In an amicus curiae brief, the Chamber of Commerce asked the Court to rule in Axon’s favor, arguing that “[t]he FTC is a poster child for the perils of cutting off pre-enforcement review” and [f]orcing parties to go to the FTC first thus rewards the agency for its prolific constitutional flaws.” Brief for the Chamber of Commerce as Amicus Curiae, p. 13. Amicus curiae briefs have also been filed in support of Axon by the Washington Legal Foundation and Allied Educational Foundation, Atlantic Legal Foundation, Americans for Prosperity Foundation, Pacific Legal Foundation, the National Treasury Employees Union, the Separation of Powers Clinic at Antonin Scalia Law School, American Hospital Association, Committee for Justice, and The Justice Society.
While the actual issue before the Court is a procedural one involving jurisdiction, the challenge to the constitutionality of the FTC structure underlying the dispute is just the latest challenge to agency regulatory authority.
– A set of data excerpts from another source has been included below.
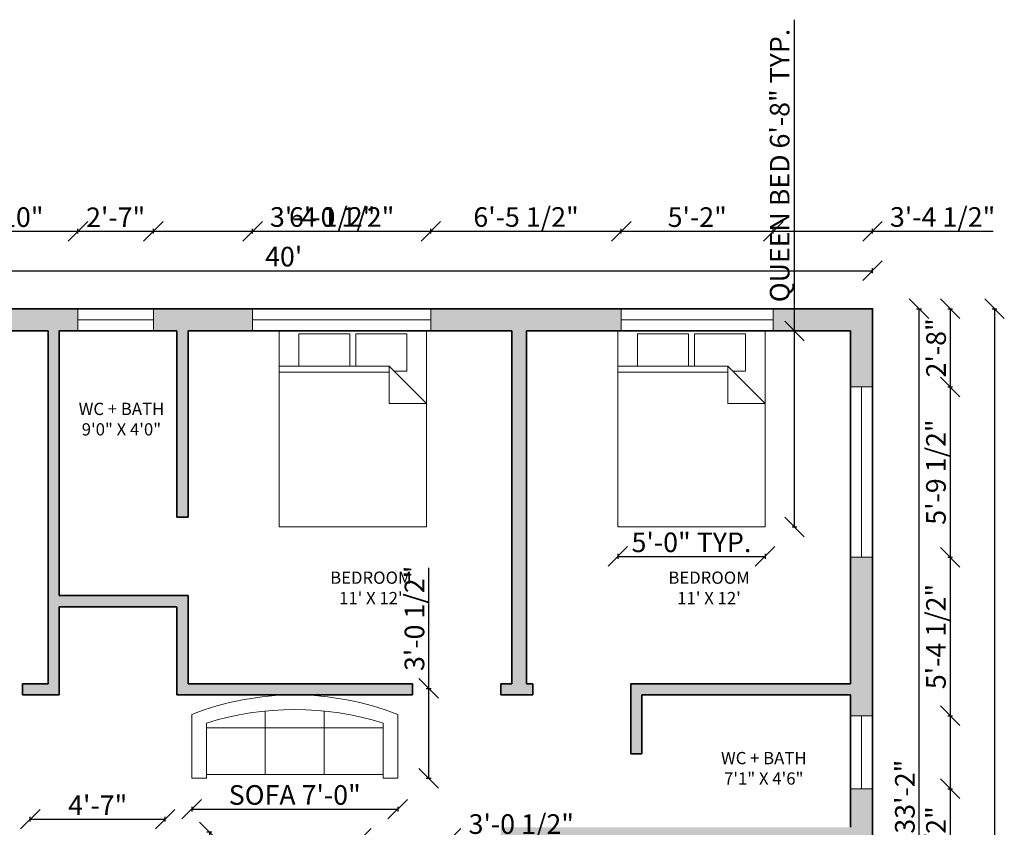
# Model space of a CAD drawing. Units: inches. Extents: x 2561 to 3163, y 493 to 1211.
# Tile 8 of 8: x 2762 to 3163, y 882 to 1211. Entities that reach past the tile are written whole.
import ezdxf

# ---------------------------------------------------------------- set-up
doc = ezdxf.new("R2010")
doc.units = ezdxf.units.IN
for name, color, linetype, lineweight in [('A-ANNO-DIMS', 2, 'Continuous', 18), ('A-AREA-IDEN', 7, 'Continuous', 18), ('A-FURN', 8, 'Continuous', 18), ('A-GLAZ', 4, 'Continuous', 18), ('A-WALL', 7, 'Continuous', 35), ('A-WALL-PATT', 24, 'Continuous', 13)]:
    doc.layers.add(name, color=color, linetype=linetype, lineweight=lineweight)
doc.styles.get("Standard").update_dxf_attribs({"font": 'arial.ttf'})
doc.dimstyles.new('ISO-25', dxfattribs={"dimtxt": 8, "dimasz": 8, "dimexe": 1, "dimexo": 1, "dimtad": 1, "dimlunit": 3, "dimtxsty": 'Standard', "dimblk": 'OBLIQUE', "dimcen": 2.5, "dimadec": 0, "dimazin": 0, "dimtfac": 1, "dimtmove": 0, "dimatfit": 3, "dimfxl": 1, "dimfxlon": 1, "dimarcsym": 0})

# ---------------------------------------------------------------- blocks, each defined once
blk = doc.blocks.new('Sofa - Roundback 7 ft.')
for p, q in [((-12.00002, -32.4421), (-12.00003, -6.5971)), ((11.99997, -32.4421), (11.99998, -6.5971)), ((-36.000027, -34), (-36.000027, -11.4696)), ((35.99998, -34), (35.99998, -11.4696)), ((-35.999844, -13.3819), (35.9998, -13.3819)), ((-36.000027, -32.4421), (35.99998, -32.4421))]:
    blk.add_line(p, q)
for points in [[(-36.000027, -34), (-42.000027, -34), (-42.000027, -8)], [(41.99998, -8), (41.99998, -34), (35.99998, -34)]]:
    blk.add_lwpolyline(points)
for centre, radius, start, end in [((0, -114.25), 114.25, 68.43141, 111.5686), ((-0.00001, -127.1968), 121.1968, 72.72033, 107.2797)]:
    blk.add_arc(centre, radius, start, end)
blk = doc.blocks.new('Bed - Queen')
for p, q in [((0, -80.00003), (0, 0)), ((0, 0), (59.99999, 0)), ((59.99999, 0), (59.99999, -80.00003)), ((7.99999, -1.2), (28.79998, -1.2)), ((7.99999, -14.4), (7.99999, -1.2)), ((28.79998, -1.2), (28.79998, -14.4)), ((31.19999, -1.2), (51.99999, -1.2)), ((31.19999, -14.4), (31.19999, -1.2)), ((51.99999, -1.2), (51.99999, -16.4)), ((0, -14.4), (44.8, -14.4)), ((59.99999, -29.6), (44.8, -14.4)), ((44.8, -14.4), (44.8, -29.6)), ((44.8, -16.8), (0, -16.8)), ((51.99999, -16.4), (46.79936, -16.4)), ((44.8, -29.6), (59.99999, -29.6)), ((59.99999, -80.00003), (0, -80.00003))]:
    blk.add_line(p, q)
blk = doc.blocks.new('_Oblique')
at = {"color": 0, "linetype": 'ByBlock', "lineweight": -2}
blk.add_line((-0.5, -0.5), (0.5, 0.5), dxfattribs=at)
blk = doc.blocks.new('*D8')
at = {"layer": 'A-ANNO-DIMS', "color": 0, "lineweight": -2, "transparency": 16777216}
for p, q in [((2629.27, 1107.6), (2629.27, 1109.6)), ((2629.27, 1108.6), (3109.27, 1108.6)), ((3109.27, 1107.6), (3109.27, 1109.6))]:
    blk.add_line(p, q, dxfattribs=at)
at = {"layer": 'Defpoints', "color": 0, "transparency": 16777216}
for p in [(3109.27, 1108.6), (2629.27, 1093.07), (3109.27, 1093.07)]:
    blk.add_point(p, dxfattribs=at)
at = {"layer": 'A-ANNO-DIMS', "color": 0, "lineweight": -2, "transparency": 16777216, "xscale": 8, "yscale": 8, "zscale": 8, "rotation": 180}
blk.add_blockref('_Oblique', (2629.27, 1108.6), dxfattribs=at)
at = {"layer": 'A-ANNO-DIMS', "color": 0, "lineweight": -2, "transparency": 16777216, "xscale": 8, "yscale": 8, "zscale": 8}
blk.add_blockref('_Oblique', (3109.27, 1108.6), dxfattribs=at)
at = {"layer": 'A-ANNO-DIMS', "color": 0, "transparency": 16777216, "insert": (2869.27, 1113.31), "char_height": 8, "attachment_point": 5}
blk.add_mtext("40'", dxfattribs=at)
blk = doc.blocks.new('*D10')
at = {"layer": 'A-ANNO-DIMS', "color": 0, "lineweight": -2, "transparency": 16777216}
for p, q in [((3127.21, 1093.07), (3129.21, 1093.07)), ((3128.21, 1093.07), (3128.21, 695.07)), ((3127.21, 695.07), (3129.21, 695.07))]:
    blk.add_line(p, q, dxfattribs=at)
at = {"layer": 'Defpoints', "color": 0, "transparency": 16777216}
for p in [(3109.27, 1093.07), (3109.27, 695.07), (3128.21, 695.07)]:
    blk.add_point(p, dxfattribs=at)
at = {"layer": 'A-ANNO-DIMS', "color": 0, "lineweight": -2, "transparency": 16777216, "xscale": 8, "yscale": 8, "zscale": 8}
for p, rotation in [((3128.21, 1093.07), 90), ((3128.21, 695.07), 270)]:
    blk.add_blockref('_Oblique', p, dxfattribs=dict(at, rotation=rotation))
at = {"layer": 'A-ANNO-DIMS', "color": 0, "transparency": 16777216, "insert": (3123.5, 894.07), "char_height": 8, "attachment_point": 5, "rotation": 90}
blk.add_mtext('33\'-2"', dxfattribs=at)
blk = doc.blocks.new('*D13')
at = {"layer": 'A-ANNO-DIMS', "color": 0, "lineweight": -2, "transparency": 16777216}
for p, q in [((3157.99, 1093.07), (3159.99, 1093.07)), ((3158.99, 1093.07), (3158.99, 529.07)), ((3157.99, 529.07), (3159.99, 529.07))]:
    blk.add_line(p, q, dxfattribs=at)
at = {"layer": 'Defpoints', "color": 0, "transparency": 16777216}
for p in [(3109.27, 1093.07), (3109.27, 529.07), (3158.99, 529.07)]:
    blk.add_point(p, dxfattribs=at)
at = {"layer": 'A-ANNO-DIMS', "color": 0, "lineweight": -2, "transparency": 16777216, "xscale": 8, "yscale": 8, "zscale": 8}
for p, rotation in [((3158.99, 1093.07), 90), ((3158.99, 529.07), 270)]:
    blk.add_blockref('_Oblique', p, dxfattribs=dict(at, rotation=rotation))
at = {"layer": 'A-ANNO-DIMS', "color": 0, "transparency": 16777216, "insert": (3154.37, 811.07), "char_height": 8, "attachment_point": 5, "rotation": 90}
blk.add_mtext("47'", dxfattribs=at)
blk = doc.blocks.new('*D17')
at = {"layer": 'A-ANNO-DIMS', "color": 0, "lineweight": -2, "transparency": 16777216}
for p, q in [((2571.63, 1093.07), (2569.63, 1093.07)), ((2570.63, 1093.07), (2570.63, 529.07)), ((2571.63, 529.07), (2569.63, 529.07))]:
    blk.add_line(p, q, dxfattribs=at)
at = {"layer": 'Defpoints', "color": 0, "transparency": 16777216}
for p in [(2629.27, 1093.07), (2570.63, 529.07), (3109.27, 529.07)]:
    blk.add_point(p, dxfattribs=at)
at = {"layer": 'A-ANNO-DIMS', "color": 0, "lineweight": -2, "transparency": 16777216, "xscale": 8, "yscale": 8, "zscale": 8}
for p, rotation in [((2570.63, 1093.07), 90), ((2570.63, 529.07), 270)]:
    blk.add_blockref('_Oblique', p, dxfattribs=dict(at, rotation=rotation))
at = {"layer": 'A-ANNO-DIMS', "color": 0, "transparency": 16777216, "insert": (2566, 811.07), "char_height": 8, "attachment_point": 5, "rotation": 90}
blk.add_mtext("47'", dxfattribs=at)
blk = doc.blocks.new('*D18')
at = {"layer": 'A-ANNO-DIMS', "color": 0, "lineweight": -2, "transparency": 16777216}
for p, q in [((3077.47, 1084.07), (3077.47, 1211)), ((3076.47, 1084.07), (3078.47, 1084.07)), ((3077.47, 1004.07), (3077.47, 1084.07)), ((3076.47, 1004.07), (3078.47, 1004.07))]:
    blk.add_line(p, q, dxfattribs=at)
at = {"layer": 'Defpoints', "color": 0, "transparency": 16777216}
for p in [(3065.47, 1084.07), (3077.47, 1084.07), (3065.47, 1004.07)]:
    blk.add_point(p, dxfattribs=at)
at = {"layer": 'A-ANNO-DIMS', "color": 0, "lineweight": -2, "transparency": 16777216, "xscale": 8, "yscale": 8, "zscale": 8}
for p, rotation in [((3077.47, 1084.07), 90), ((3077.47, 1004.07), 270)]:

On October 21, 2022, the Fifth Circuit denied en banc rehearing in Jarkesy v. SEC, which (like Cochran) challenged the use of the SEC’s ALJs, finding it unconstitutional. On October 19, 2022, the Fifth Circuit held in Community Financial Services Association of America v. Consumer Financial Protection Bureau that the CFPB’s funding mechanism violates the Constitution’s appropriations clause. (An in-depth discussion of the impact of this decision can be heard on the Consumer Finance Monitor Podcast here.) That decision has already resulted in defendants in several CFPB actions seeking dismissal of their cases on constitutional grounds, and it paves the way for potential challenges for other federal agencies that are funded outside of the Congressional appropriations process, including the Federal Reserve, the OCC, FDIC, NCUA, and FHFA. Beyond Jarkesy and Community Financial Services Association, there is another recent challenge to the FTC in FTC v. Walmart, where Walmart argues that the FTC lacks constitutionally valid authority to bring the action against it because the FTC Act’s removal provision (which specifies and limits the President’s ability to remove commissioners) is unconstitutional.
Should the Court rule in favor of Axon and Cochran, it will represent a further erosion in agency enforcement authority, and open the door wider to further challenges.